Deploying an endpoint in an afternoon

To make this tangible, let's walk through a toy example. Say we want to deploy a new endpoint that accepts an image, runs an AI model on it, and tells you which objects can be seen in the image. In a traditional setup, this means days of scaffolding before we even get to the interesting part. In our Monorepo, we write one thing: the image processing logic. Everything around it is already in place.

When we spin up a new endpoint:

API documentation is auto-generated and stays in sync with the code, alongside developer-friendly API collections for quick manual testing.
Authentication is wired in by default, consistent across all our services.
Async job orchestration is available when we need it. For heavier workloads, a built-in job system handles processing with status tracking and retries, so the endpoint can accept a request, hand off the work, and let the caller poll for results.
Structured logging and monitoring come for free.
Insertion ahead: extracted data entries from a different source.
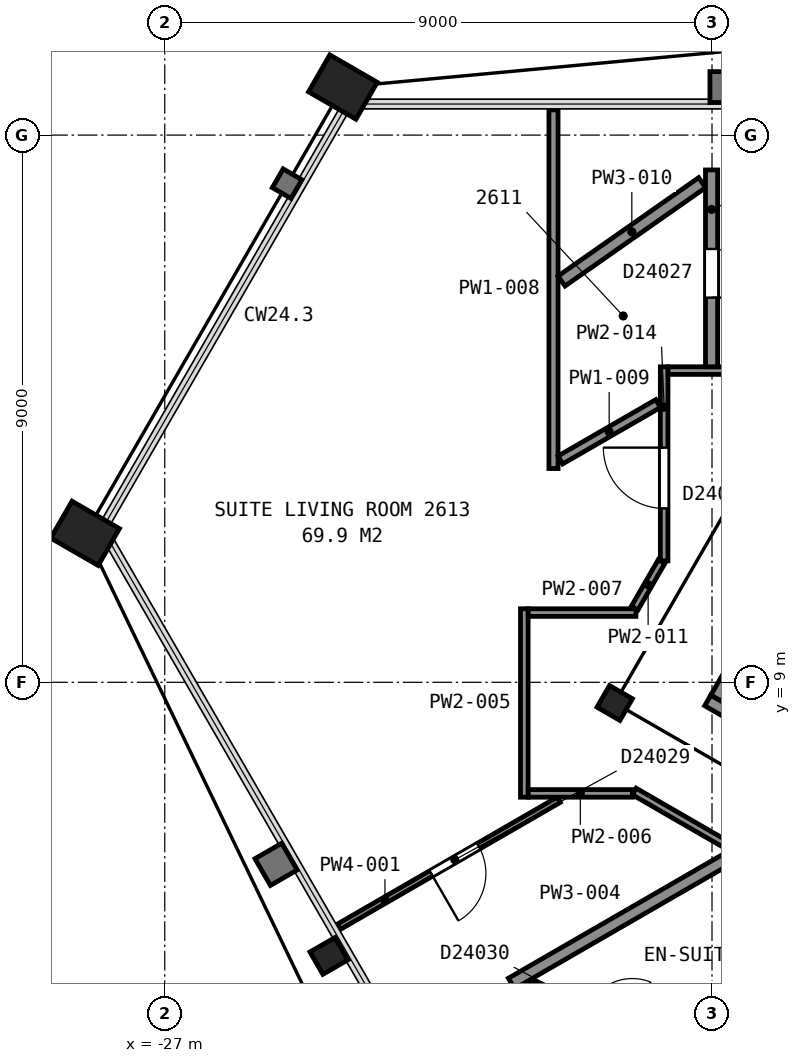
"""IFC4 building model, lengths in metres.
Left out: names, types, materials, properties, quantities, classifications, styles, units other than length and angle.
Written with IfcOpenShell. Run it as: python <this file> out.ifc"""

import sys

from ifc_helpers import new_model, si_unit, direction, frame, frame_2d, origin, origin_2d, place, context, subcontext, project, spatial, rectangle, hollow_rectangle, i_section, extrude, element, fill, save


model = new_model("IFC4")
c1 = context("Model", 3, precision=1e-05, world=origin(), true_north=direction((0.0, 1.0)))
c2 = subcontext(c1, "Body", "Model", "MODEL_VIEW")
j1 = project(units=[si_unit("LENGTHUNIT", "METRE"), si_unit("PLANEANGLEUNIT", "RADIAN")], contexts=[c1])
p1 = place(None, origin())
s1 = spatial("IfcSite", under=j1, at=p1, CompositionType="ELEMENT")
p2 = place(p1, origin())
s2 = spatial("IfcBuilding", under=s1, at=p2, CompositionType="ELEMENT")
p3 = place(p2, frame((0.0, 0.0, 110.8)))
s3 = spatial("IfcBuildingStorey", under=s2, at=p3, CompositionType="ELEMENT", Elevation=110.8)
for number, where, z_axis, x_axis in (
    (1, (-24.07, 18.79, 0.0), (0.0, 0.0, 1.0), (0.5, 0.866, 0.0)),
    (2, (-28.31, 11.45, 0.0), (0.0, 0.0, 1.0), (0.5, 0.866, 0.0)),
):
    element("IfcColumn", number, at=place(p3, frame(where, z_axis=z_axis, x_axis=x_axis)), inside=s3, PredefinedType="COLUMN", context=c2, shape_type="SweptSolid", body=[
        extrude(hollow_rectangle(XDim=0.7, YDim=0.9, WallThickness=0.065, at=origin_2d()), origin(), (0.0, 0.0, 1.0), 3.6),
    ])
p4 = place(p3, frame((-24.3, 4.5, 0.0), z_axis=(0.0, 0.0, 1.0), x_axis=(-0.5, 0.866025403784, 0.0)))
e3 = element("IfcColumn", 3, at=p4, inside=s3, PredefinedType="COLUMN", context=c2, shape_type="SweptSolid", body=[
    extrude(i_section(OverallWidth=0.424, OverallDepth=0.475, WebThickness=0.048, FlangeThickness=0.077, FilletRadius=0.015, at=origin_2d()), origin(), (0.0, 0.0, 1.0), 3.6),
])
p5 = place(p3, frame((-19.6, 8.66, 0.0), z_axis=(0.0, 0.0, 1.0), x_axis=(0.5, 0.866025403784, 0.0)))
e4 = element("IfcColumn", 4, at=p5, inside=s3, PredefinedType="COLUMN", context=c2, shape_type="SweptSolid", body=[
    extrude(i_section(OverallWidth=0.411, OverallDepth=0.434, WebThickness=0.036, FlangeThickness=0.057, FilletRadius=0.015, at=origin_2d()), origin(), (0.0, 0.0, 1.0), 3.6),
])
p6 = place(p3, frame((-16.534, 11.162, 0.0), z_axis=(0.0, 0.0, 1.0), x_axis=(-0.49998411664, -0.866034573852, 0.0)))
e5 = element("IfcWall", 5, at=p6, inside=s3, PredefinedType="PARTITIONING", context=c2, shape_type="SweptSolid", body=[
    extrude(rectangle(XDim=2.8, YDim=0.2, at=frame_2d((1.4, 0.0))), origin(), (0.0, 0.0, 1.0), 3.35),
])
p7 = place(p6, frame((0.85, 0.0, 0.0)))
e6 = element("IfcOpeningElement", 6, at=p7, cuts=e5, PredefinedType="OPENING", context=c2, shape_type="SweptSolid", body=[
    extrude(rectangle(XDim=1.1, YDim=2.1, at=frame_2d((0.55, 1.05))), frame((0.0, 0.11, 0.0), z_axis=(0.0, -1.0, 0.0), x_axis=(1.0, 0.0, 0.0)), (0.0, 0.0, 1.0), 0.22),
])
p8 = place(p3, frame((-7.678, 2.701, 0.0), z_axis=(0.0, 0.0, 1.0), x_axis=(-0.866026010844, 0.49999894854, 0.0)))
e7 = element("IfcWall", 7, at=p8, inside=s3, PredefinedType="PARTITIONING", context=c2, shape_type="SweptSolid", body=[
    extrude(rectangle(XDim=12.0, YDim=0.2, at=frame_2d((6.0, 0.0))), origin(), (0.0, 0.0, 1.0), 3.35),
])
p9 = place(p3, frame((-20.521, 7.067, 0.0), z_axis=(0.0, 0.0, 1.0), x_axis=(-0.866025950195, -0.499999053588, 0.0)))
e8 = element("IfcWall", 8, at=p9, inside=s3, PredefinedType="PARTITIONING", context=c2, shape_type="SweptSolid", body=[
    extrude(rectangle(XDim=4.177, YDim=0.1, at=frame_2d((2.088, 0.0))), origin(), (0.0, 0.0, 1.0), 2.613),
])
p10 = place(p9, frame((1.522, 0.0, 0.0)))
e9 = element("IfcOpeningElement", 9, at=p10, cuts=e8, PredefinedType="OPENING", context=c2, shape_type="SweptSolid", body=[
    extrude(rectangle(XDim=0.9, YDim=2.1, at=frame_2d((0.45, 1.05))), frame((0.0, 0.06, 0.0), z_axis=(0.0, -1.0, 0.0), x_axis=(1.0, 0.0, 0.0)), (0.0, 0.0, 1.0), 0.12),
])
p11 = place(p3, frame((-21.725, 0.798, 0.0), z_axis=(0.0, 0.0, 1.0), x_axis=(0.866003534372, 0.50003787702, 0.0)))
e10 = element("IfcWall", 10, at=p11, inside=s3, PredefinedType="PARTITIONING", context=c2, shape_type="SweptSolid", body=[
    extrude(rectangle(XDim=7.348, YDim=0.15, at=frame_2d((3.674, 0.0))), origin(), (0.0, 0.0, 1.0), 2.613),
])
p12 = place(p3, frame((-21.021, 4.02, 0.0), z_axis=(0.0, 0.0, 1.0), x_axis=(0.927010502524, -0.375035369278, 0.0)))
e11 = element("IfcWall", 11, at=p12, inside=s3, PredefinedType="PARTITIONING", context=c2, shape_type="SweptSolid", body=[
    extrude(rectangle(XDim=2.92, YDim=0.2, at=frame_2d((1.46, 0.0))), origin(), (0.0, 0.0, 1.0), 2.613),
])
p13 = place(p12, frame((1.045, 0.0, 0.0)))
e12 = element("IfcOpeningElement", 12, at=p13, cuts=e11, PredefinedType="OPENING", context=c2, shape_type="SweptSolid", body=[
    extrude(rectangle(XDim=0.8, YDim=2.1, at=frame_2d((0.4, 1.05))), frame((0.0, 0.11, 0.0), z_axis=(0.0, -1.0, 0.0), x_axis=(1.0, 0.0, 0.0)), (0.0, 0.0, 1.0), 0.22),
])
p14 = place(p3, frame((-21.298, 4.047, 0.0), z_axis=(0.0, 0.0, 1.0), x_axis=(0.865948008923, 0.500134027879, 0.0)))
e13 = element("IfcWall", 13, at=p14, inside=s3, PredefinedType="PARTITIONING", context=c2, shape_type="SweptSolid", body=[
    extrude(rectangle(XDim=4.193, YDim=0.2, at=frame_2d((2.097, 0.0))), origin(), (0.0, 0.0, 1.0), 2.613),
])
p15 = place(p3, frame((-21.087, 7.111, 0.0), z_axis=(0.0, 0.0, 1.0), x_axis=(0.0, 1.0, 0.0)))
e14 = element("IfcWall", 14, at=p15, inside=s3, PredefinedType="PARTITIONING", context=c2, shape_type="SweptSolid", body=[
    extrude(rectangle(XDim=3.099, YDim=0.125, at=frame_2d((1.549, 0.0))), origin(), (0.0, 0.0, 1.0), 2.613),
])
p16 = place(p3, frame((-21.022, 7.173, 0.0), z_axis=(0.0, 0.0, 1.0), x_axis=(1.0, 0.0, 0.0)))
e15 = element("IfcWall", 15, at=p16, inside=s3, PredefinedType="PARTITIONING", context=c2, shape_type="SweptSolid", body=[
    extrude(rectangle(XDim=1.713, YDim=0.125, at=frame_2d((0.856, 0.0))), origin(), (0.0, 0.0, 1.0), 2.613),
])
p17 = place(p3, frame((-21.022, 10.147, 0.0), z_axis=(0.0, 0.0, 1.0), x_axis=(1.0, 0.0, 0.0)))
e16 = element("IfcWall", 16, at=p17, inside=s3, PredefinedType="PARTITIONING", context=c2, shape_type="SweptSolid", body=[
    extrude(rectangle(XDim=1.771, YDim=0.125, at=frame_2d((0.885, 0.0))), origin(), (0.0, 0.0, 1.0), 2.613),
])
p18 = place(p3, frame((-20.607, 12.516, 0.0), z_axis=(0.0, 0.0, 1.0), x_axis=(0.0, 1.0, 0.0)))
e17 = element("IfcWall", 17, at=p18, inside=s3, PredefinedType="PARTITIONING", context=c2, shape_type="SweptSolid", body=[
    extrude(rectangle(XDim=5.899, YDim=0.15, at=frame_2d((2.949, 0.0))), origin(), (0.0, 0.0, 1.0), 2.613),
])
p19 = place(p3, frame((-20.494, 12.656, 0.0), z_axis=(0.0, 0.0, 1.0), x_axis=(0.865984062371, 0.500071598593, 0.0)))
e18 = element("IfcWall", 18, at=p19, inside=s3, PredefinedType="PARTITIONING", context=c2, shape_type="SweptSolid", body=[
    extrude(rectangle(XDim=1.856, YDim=0.15, at=frame_2d((0.928, 0.0))), origin(), (0.0, 0.0, 1.0), 2.613),
])
p20 = place(p3, frame((-20.475, 15.6, 0.0), z_axis=(0.0, 0.0, 1.0), x_axis=(0.819231920519, 0.573462344363, 0.0)))
e19 = element("IfcWall", 19, at=p20, inside=s3, PredefinedType="PARTITIONING", context=c2, shape_type="SweptSolid", body=[
    extrude(rectangle(XDim=2.822, YDim=0.2, at=frame_2d((1.411, 0.0))), origin(), (0.0, 0.0, 1.0), 2.613),
])
p21 = place(p3, frame((-19.271, 10.221, 0.0), z_axis=(0.0, 0.0, 1.0), x_axis=(0.499881837328, 0.866093614288, 0.0)))
e20 = element("IfcWall", 20, at=p21, inside=s3, PredefinedType="PARTITIONING", context=c2, shape_type="SweptSolid", body=[
    extrude(rectangle(XDim=0.884, YDim=0.125, at=frame_2d((0.442, 0.0))), origin(), (0.0, 0.0, 1.0), 2.613),
])
p22 = place(p3, frame((-19.278, 7.204, 0.0), z_axis=(0.0, 0.0, 1.0), x_axis=(0.865992261418, -0.50005739987, 0.0)))
e21 = element("IfcWall", 21, at=p22, inside=s3, PredefinedType="PARTITIONING", context=c2, shape_type="SweptSolid", body=[
    extrude(rectangle(XDim=4.101, YDim=0.125, at=frame_2d((2.051, 0.0))), origin(), (0.0, 0.0, 1.0), 2.613),
])
p23 = place(p3, frame((-18.787, 10.998, 0.0), z_axis=(0.0, 0.0, 1.0), x_axis=(0.0, 1.0, 0.0)))
e22 = element("IfcWall", 22, at=p23, inside=s3, PredefinedType="PARTITIONING", context=c2, shape_type="SweptSolid", body=[
    extrude(rectangle(XDim=3.192, YDim=0.125, at=frame_2d((1.596, 0.0))), origin(), (0.0, 0.0, 1.0), 2.613),
])
p24 = place(p23, frame((0.863, 0.0, 0.0)))
e23 = element("IfcOpeningElement", 23, at=p24, cuts=e22, PredefinedType="OPENING", context=c2, shape_type="SweptSolid", body=[
    extrude(rectangle(XDim=1.0, YDim=2.1, at=frame_2d((0.5, 1.05))), frame((0.0, 0.073, 0.0), z_axis=(0.0, -1.0, 0.0), x_axis=(1.0, 0.0, 0.0)), (0.0, 0.0, 1.0), 0.145),
])
p25 = place(p3, frame((-18.722, 14.127, 0.0), z_axis=(0.0, 0.0, 1.0), x_axis=(1.0, 0.0, 0.0)))
e24 = element("IfcWall", 24, at=p25, inside=s3, PredefinedType="PARTITIONING", context=c2, shape_type="SweptSolid", body=[
    extrude(rectangle(XDim=2.971, YDim=0.125, at=frame_2d((1.486, 0.0))), origin(), (0.0, 0.0, 1.0), 2.613),
])
p26 = place(p3, frame((-18.007, 14.189, 0.0), z_axis=(0.0, 0.0, 1.0), x_axis=(0.0, 1.0, 0.0)))
e25 = element("IfcWall", 25, at=p26, inside=s3, PredefinedType="PARTITIONING", context=c2, shape_type="SweptSolid", body=[
    extrude(rectangle(XDim=3.238, YDim=0.2, at=frame_2d((1.619, 0.0))), origin(), (0.0, 0.0, 1.0), 2.613),
])
p27 = place(p26, frame((1.137, 0.0, 0.0)))
e26 = element("IfcOpeningElement", 26, at=p27, cuts=e25, PredefinedType="OPENING", context=c2, shape_type="SweptSolid", body=[
    extrude(rectangle(XDim=0.8, YDim=2.1, at=frame_2d((0.4, 1.05))), frame((0.0, 0.11, 0.0), z_axis=(0.0, -1.0, 0.0), x_axis=(1.0, 0.0, 0.0)), (0.0, 0.0, 1.0), 0.22),
])
p28 = place(p10, origin())
e27 = element("IfcDoor", 27, at=p28, inside=s3, OperationType="SINGLE_SWING_RIGHT", PredefinedType="DOOR", context=c2, shape_type="SweptSolid", body=[
    extrude(rectangle(XDim=0.9, YDim=2.1, at=frame_2d((0.45, 1.05))), frame((0.0, 0.025, 0.0), z_axis=(0.0, -1.0, 0.0), x_axis=(1.0, 0.0, 0.0)), (0.0, 0.0, 1.0), 0.05),
])
fill(e9, e27)
p29 = place(p24, origin())
e28 = element("IfcDoor", 28, at=p29, inside=s3, OperationType="SINGLE_SWING_RIGHT", PredefinedType="DOOR", context=c2, shape_type="SweptSolid", body=[
    extrude(rectangle(XDim=1.0, YDim=2.1, at=frame_2d((0.5, 1.05))), frame((0.0, 0.025, 0.0), z_axis=(0.0, -1.0, 0.0), x_axis=(1.0, 0.0, 0.0)), (0.0, 0.0, 1.0), 0.05),
])
fill(e23, e28)
p30 = place(p27, origin())
e29 = element("IfcDoor", 29, at=p30, inside=s3, OperationType="SINGLE_SWING_LEFT", PredefinedType="DOOR", context=c2, shape_type="SweptSolid", body=[
    extrude(rectangle(XDim=0.8, YDim=2.1, at=frame_2d((0.4, 1.05))), frame((0.0, 0.025, 0.0), z_axis=(0.0, -1.0, 0.0), x_axis=(1.0, 0.0, 0.0)), (0.0, 0.0, 1.0), 0.05),
])
fill(e26, e29)
save(model, sys.argv[1])

Metrics are collected automatically, and spinning up a monitoring dashboard is merely a few lines of Python thanks to a dashboards-as-code library that plugs straight into our infrastructure.
MCP integration is a one-liner on top of the existing API, making the endpoint callable as a tool by AI agents without any extra plumbing.

Crucially, none of this is copy-pasted boilerplate. Every endpoint shares the same libraries, the same dependency tree, and the same CI/CD pipeline. When a security patch lands or a dependency gets updated, every service benefits at once rather than quietly drifting apart. The developer's entire focus stays on the thing that actually matters: the model and the business logic. Getting it to production is just a pull request away.

The benefits of our Monorepo extend even beyond these “supporting” components. It’s also how we share and scale research. Instead of letting experiments live in isolated repos, we turn them into reusable building blocks. Ranging from object detection (like our DETR work) to 3D asset generation and real-to-sim scene reconstruction (see Trellis), new ideas quickly become tools that anyone can use in production!

A Double-Edged Sword

It is important to remember that a Monorepo is not a magical, one-size-fits-all solution. It offers strong benefits, but also introduces its own set of challenges.

Scaling

Tools like Pants help, but growth still adds complexity
More developers and projects require clear structure and boundaries
Continuous feedback and disciplined repo management remain essential

Isolation

Everything is interconnected, which is powerful but risky
Changes can have wide impact across projects
Balance is key: isolate where needed, reuse where it helps

Edge cases

Not all code fits naturally into a Monorepo
Forcing everything in can be counterproductive
The Monorepo can still serve as a reference for quality and tooling

In short:
A Monorepo doesn’t remove complexity, but it makes it manageable. With the right tools and engineering culture, it’s a strong foundation, but it will always remain a work in progress.

Conclusion

Looking back, the real benefits of the Monorepo didn’t come from the architecture alone, but from how it shaped the way we work at Datameister. It encourages strong collaboration, pushes us toward higher standards, and lets us move faster with more confidence. Over time, those small advantages compounded into a development environment where research ideas quickly turn into production-ready capabilities, and every new project starts on top of everything we've built before.

That compounding is what our clients end up feeling directly. When we take on a new project, the foundation is already there. What's left to build is the model and the application logic the client actually hired us for. The path from first conversation to a robust deployment keeps getting shorter, because each model we ship sharpens the components underneath it.

After enough cycles, the codebase starts behaving more like an AI factory than a codebase: a system where mature sub-components let us take on harder problems by composing what's already there instead of starting over. It's why we can credibly move into physical AI today, where the work depends on a stack of capabilities that have to be solid individually before they're worth anything together. The Monorepo isn't a plug-and-play decision. It's the ongoing investment that turns every project we ship into raw material for the next, harder one.